Metabolic complications associated with antipsychotic medications have driven demand for novel therapies with better metabolic profiles.

• Olanzapine/samidorphan (OLZ/SAM), which the FDA approved in 2021, reduces or prevents weight gain commonly while maintaining therapeutic efficacy by adding samidorphan, an opioid receptor blocker. A post-hoc analysis of the phase 3 trial ENLIGHTEN-2 trial showed OLZ/SAM carried a lower risk for worsening obesity, hypertension, and metabolic syndrome compared with olanzapine. [Correll 2023]
• Xanomeline-trospium (KarXT), a novel muscarinic M1/M4 receptors agonist, earned the FDA’s blessing in late September of this year. Recent pooled data from the EMERGENT-4 and EMERGENT-5 trials offer encouraging long-term metabolic outcomes, with an average weight reduction of 2.6 kg over one year of treatment. And crucial metabolic parameters, such as total cholesterol, triglycerides, and A1C, all remained stable throughout the treatment.

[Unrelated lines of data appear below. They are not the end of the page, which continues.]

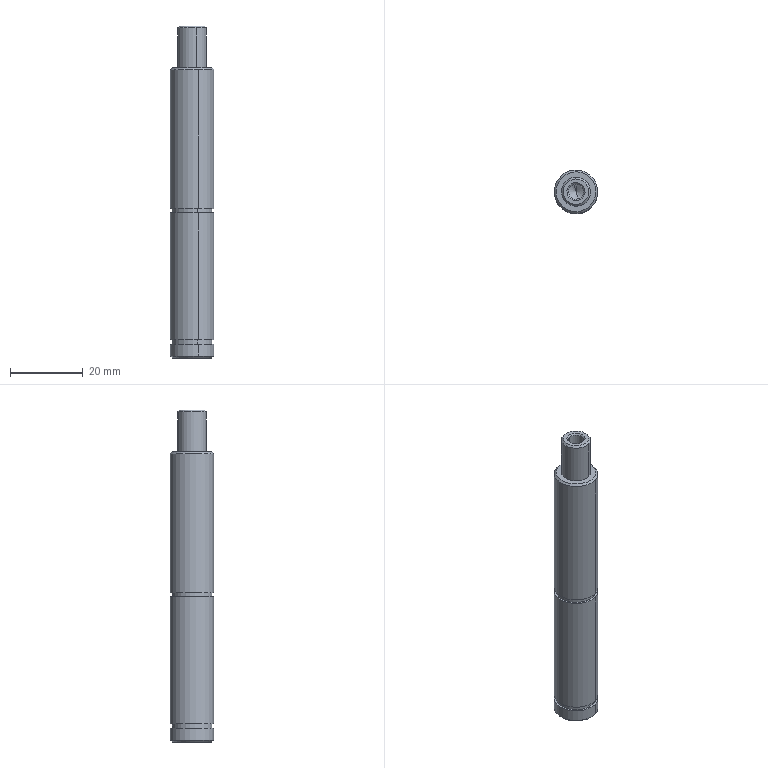Component | SolidWorks | GluePaperFeedingPressureRollerAssembly-1_YX-04-110GluePaperFeedingPressureRollerAxis-1 | 1 solid | 31 faces | box 12 x 12 x 91.5 mm | volume 9389 mm3 | cylinder 14 | cone 10 | plane 7 | commonest cylinder face diameters 12 x6 11 x4 8 x2 4.2 x2 | material Hard Chrome Rod
build123d program:
from build123d import *


with BuildPart() as part:
    # Sketch1 → Revolve1 (revolve)
    with BuildSketch(Plane.XY, mode=Mode.PRIVATE) as revolve1_sk:
        Polygon((12.6, 2.1), (13.862, 0), (91.5, 0), (91.5, 5.5), (91, 6), (87.7, 6), (87.7, 5.5), (86.5, 5.5), (86.5, 6), (51.5, 6), (51.5, 5.5), (50.3, 5.5), (50.3, 6), (12, 6), (11.5, 5.5), (11.5, 4), (0.5, 4), (0, 3.5), (0, 2.5), (0.4, 2.1), align=None)
    revolve(revolve1_sk.sketch.rotate(Axis((0, 0, 0), (1, 0, 0)), 270), axis=Axis((0, 0, 0), (1, 0, 0)))


solid = part.part

# Placed as in the assembly
solid = solid.moved(Location((-23.397, 0.262, 205.5), (0, 90, 0)))
STEP:
#1=CARTESIAN_POINT('',(-0.8978,-0.069,8.075));
#2=VERTEX_POINT('',#1);
#3=CARTESIAN_POINT('',(-0.9445,0.08963,8.075));
#4=VERTEX_POINT('',#3);
#5=CARTESIAN_POINT('',(-0.9212,0.01031,8.075));
#6=DIRECTION('',(-0.,0.,-1.));
#7=DIRECTION('',(-0.2824,0.9593,0.));
#8=AXIS2_PLACEMENT_3D('',#5,#6,#7);
#9=CIRCLE('',#8,0.08268);
#10=EDGE_CURVE('',#2,#4,#9,.T.);
#11=ORIENTED_EDGE('',*,*,#10,.T.);
#12=CARTESIAN_POINT('',(-0.9489,0.1047,8.091));
#13=VERTEX_POINT('',#12);
#14=CARTESIAN_POINT('',(-0.9489,0.1047,8.091));
#15=DIRECTION('',(-0.1997,0.6783,0.7071));
#16=VECTOR('',#15,39.37);
#17=LINE('',#14,#16);
#18=EDGE_CURVE('',#4,#13,#17,.T.);
#19=ORIENTED_EDGE('',*,*,#18,.T.);
#20=CARTESIAN_POINT('',(-0.8934,-0.0841,8.091));
#21=VERTEX_POINT('',#20);
#22=CARTESIAN_POINT('',(-0.9212,0.01031,8.091));
#23=DIRECTION('',(-0.,0.,-1.));
#24=DIRECTION('',(-0.2824,0.9593,0.));
#25=AXIS2_PLACEMENT_3D('',#22,#23,#24);
#26=CIRCLE('',#25,0.09843);
#27=EDGE_CURVE('',#21,#13,#26,.T.);
#28=ORIENTED_EDGE('',*,*,#27,.F.);
#29=CARTESIAN_POINT('',(-0.8934,-0.0841,8.091));
#30=DIRECTION('',(0.1997,-0.6783,0.7071));
#31=VECTOR('',#30,39.37);
#32=LINE('',#29,#31);
#33=EDGE_CURVE('',#2,#21,#32,.T.);
#34=ORIENTED_EDGE('',*,*,#33,.F.);
#35=EDGE_LOOP('',(#11,#19,#28,#34));
#36=FACE_OUTER_BOUND('',#35,.T.);
#37=CARTESIAN_POINT('',(-0.9212,0.01031,8.091));
#38=DIRECTION('',(0.,-0.,1.));
#39=DIRECTION('',(0.2824,-0.9593,0.));
#40=AXIS2_PLACEMENT_3D('',#37,#38,#39);
#41=CONICAL_SURFACE('',#40,0.09843,0.7854);
#42=ADVANCED_FACE('',(#36),#41,.F.);
#43=CARTESIAN_POINT('',(-0.9601,0.1425,8.091));
#44=VERTEX_POINT('',#43);
#45=CARTESIAN_POINT('',(-0.8822,-0.1219,8.091));
#46=VERTEX_POINT('',#45);
#47=CARTESIAN_POINT('',(-0.9212,0.01031,8.091));
#48=DIRECTION('',(-0.,0.,-1.));
#49=DIRECTION('',(-0.2824,0.9593,0.));
#50=AXIS2_PLACEMENT_3D('',#47,#48,#49);
#51=CIRCLE('',#50,0.1378);
#52=EDGE_CURVE('',#44,#46,#51,.T.);
#53=ORIENTED_EDGE('',*,*,#52,.T.);
#54=CARTESIAN_POINT('',(-0.8767,-0.1408,8.071));
#55=VERTEX_POINT('',#54);
#56=CARTESIAN_POINT('',(-0.8767,-0.1408,8.071));
#57=DIRECTION('',(0.1997,-0.6783,-0.7071));
#58=VECTOR('',#57,39.37);
#59=LINE('',#56,#58);
#60=EDGE_CURVE('',#46,#55,#59,.T.);
#61=ORIENTED_EDGE('',*,*,#60,.T.);
#62=CARTESIAN_POINT('',(-0.9656,0.1614,8.071));
#63=VERTEX_POINT('',#62);
#64=CARTESIAN_POINT('',(-0.9212,0.01031,8.071));
#65=DIRECTION('',(-0.,0.,-1.));
#66=DIRECTION('',(-0.2824,0.9593,0.));
#67=AXIS2_PLACEMENT_3D('',#64,#65,#66);
#68=CIRCLE('',#67,0.1575);
#69=EDGE_CURVE('',#63,#55,#68,.T.);
#70=ORIENTED_EDGE('',*,*,#69,.F.);
#71=CARTESIAN_POINT('',(-0.9656,0.1614,8.071));
#72=DIRECTION('',(-0.1997,0.6783,-0.7071));
#73=VECTOR('',#72,39.37);
#74=LINE('',#71,#73);
#75=EDGE_CURVE('',#44,#63,#74,.T.);
#76=ORIENTED_EDGE('',*,*,#75,.F.);
#77=EDGE_LOOP('',(#53,#61,#70,#76));
#78=FACE_OUTER_BOUND('',#77,.T.);
#79=CARTESIAN_POINT('',(-0.9212,0.01031,8.071));
#80=DIRECTION('',(-0.,0.,-1.));
#81=DIRECTION('',(-0.2824,0.9593,0.));
#82=AXIS2_PLACEMENT_3D('',#79,#80,#81);
#83=CONICAL_SURFACE('',#82,0.1575,0.7854);
#84=ADVANCED_FACE('',(#78),#83,.T.);
#85=ORIENTED_EDGE('',*,*,#69,.T.);
#86=CARTESIAN_POINT('',(-0.8767,-0.1408,7.638));
#87=VERTEX_POINT('',#86);
#88=CARTESIAN_POINT('',(-0.8767,-0.1408,8.091));
#89=DIRECTION('',(-0.,0.,-1.));
#90=VECTOR('',#89,39.37);
#91=LINE('',#88,#90);
#92=EDGE_CURVE('',#55,#87,#91,.T.);
#93=ORIENTED_EDGE('',*,*,#92,.T.);
#94=CARTESIAN_POINT('',(-0.9656,0.1614,7.638));
#95=VERTEX_POINT('',#94);
#96=CARTESIAN_POINT('',(-0.9212,0.01031,7.638));
#97=DIRECTION('',(-0.,0.,-1.));
#98=DIRECTION('',(-0.2824,0.9593,0.));
#99=AXIS2_PLACEMENT_3D('',#96,#97,#98);
#100=CIRCLE('',#99,0.1575);
#101=EDGE_CURVE('',#95,#87,#100,.T.);
#102=ORIENTED_EDGE('',*,*,#101,.F.);
#103=CARTESIAN_POINT('',(-0.9656,0.1614,8.091));
#104=DIRECTION('',(-0.,0.,-1.));
#105=VECTOR('',#104,39.37);
#106=LINE('',#103,#105);
#107=EDGE_CURVE('',#63,#95,#106,.T.);
#108=ORIENTED_EDGE('',*,*,#107,.F.);
#109=EDGE_LOOP('',(#85,#93,#102,#108));
#110=FACE_OUTER_BOUND('',#109,.T.);
#111=CARTESIAN_POINT('',(-0.9212,0.01031,8.091));
#112=DIRECTION('',(-0.,0.,-1.));
#113=DIRECTION('',(-0.2824,0.9593,0.));
#114=AXIS2_PLACEMENT_3D('',#111,#112,#113);
#115=CYLINDRICAL_SURFACE('',#114,0.1575);
#116=ADVANCED_FACE('',(#110),#115,.T.);
#117=CARTESIAN_POINT('',(-0.9823,0.218,7.638));
#118=VERTEX_POINT('',#117);
#119=CARTESIAN_POINT('',(-0.86,-0.1974,7.638));
#120=VERTEX_POINT('',#119);
#121=CARTESIAN_POINT('',(-0.9212,0.01031,7.638));
#122=DIRECTION('',(-0.,0.,-1.));
#123=DIRECTION('',(-0.2824,0.9593,0.));
#124=AXIS2_PLACEMENT_3D('',#121,#122,#123);
#125=CIRCLE('',#124,0.2165);
#126=EDGE_CURVE('',#118,#120,#125,.T.);
#127=ORIENTED_EDGE('',*,*,#126,.T.);
#128=CARTESIAN_POINT('',(-0.8544,-0.2163,7.618));
#129=VERTEX_POINT('',#128);
#130=CARTESIAN_POINT('',(-0.8544,-0.2163,7.618));
#131=DIRECTION('',(0.1997,-0.6783,-0.7071));
#132=VECTOR('',#131,39.37);
#133=LINE('',#130,#132);
#134=EDGE_CURVE('',#120,#129,#133,.T.);
#135=ORIENTED_EDGE('',*,*,#134,.T.);
#136=CARTESIAN_POINT('',(-0.9879,0.2369,7.618));
#137=VERTEX_POINT('',#136);
#138=CARTESIAN_POINT('',(-0.9212,0.01031,7.618));
#139=DIRECTION('',(-0.,0.,-1.));
#140=DIRECTION('',(-0.2824,0.9593,0.));
#141=AXIS2_PLACEMENT_3D('',#138,#139,#140);
#142=CIRCLE('',#141,0.2362);
#143=EDGE_CURVE('',#137,#129,#142,.T.);
#144=ORIENTED_EDGE('',*,*,#143,.F.);
#145=CARTESIAN_POINT('',(-0.9879,0.2369,7.618));
#146=DIRECTION('',(-0.1997,0.6783,-0.7071));
#147=VECTOR('',#146,39.37);
#148=LINE('',#145,#147);
#149=EDGE_CURVE('',#118,#137,#148,.T.);
#150=ORIENTED_EDGE('',*,*,#149,.F.);
#151=EDGE_LOOP('',(#127,#135,#144,#150));
#152=FACE_OUTER_BOUND('',#151,.T.);
#153=CARTESIAN_POINT('',(-0.9212,0.01031,7.618));
#154=DIRECTION('',(-0.,0.,-1.));
#155=DIRECTION('',(-0.2824,0.9593,0.));
#156=AXIS2_PLACEMENT_3D('',#153,#154,#155);
#157=CONICAL_SURFACE('',#156,0.2362,0.7854);
#158=ADVANCED_FACE('',(#152),#157,.T.);
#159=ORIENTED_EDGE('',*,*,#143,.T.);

• Ulotaront, a trace amine-associated receptor 1 (TAAR1) agonist, also holds promise as a novel emerging drug class for schizophrenia. The FDA granted it the Breakthrough Therapy Designation in 2019. Data from a 26-week open-label extension study showed no clinically significant changes in weight, cholesterol, triglycerides, or A1C levels.

With the promising potential of emerging therapies to reduce the risk of weight gain, metabolic syndrome, and type 2 diabetes in schizophrenia patients, clinicians could soon have more available tools to improve care and long-term outcomes.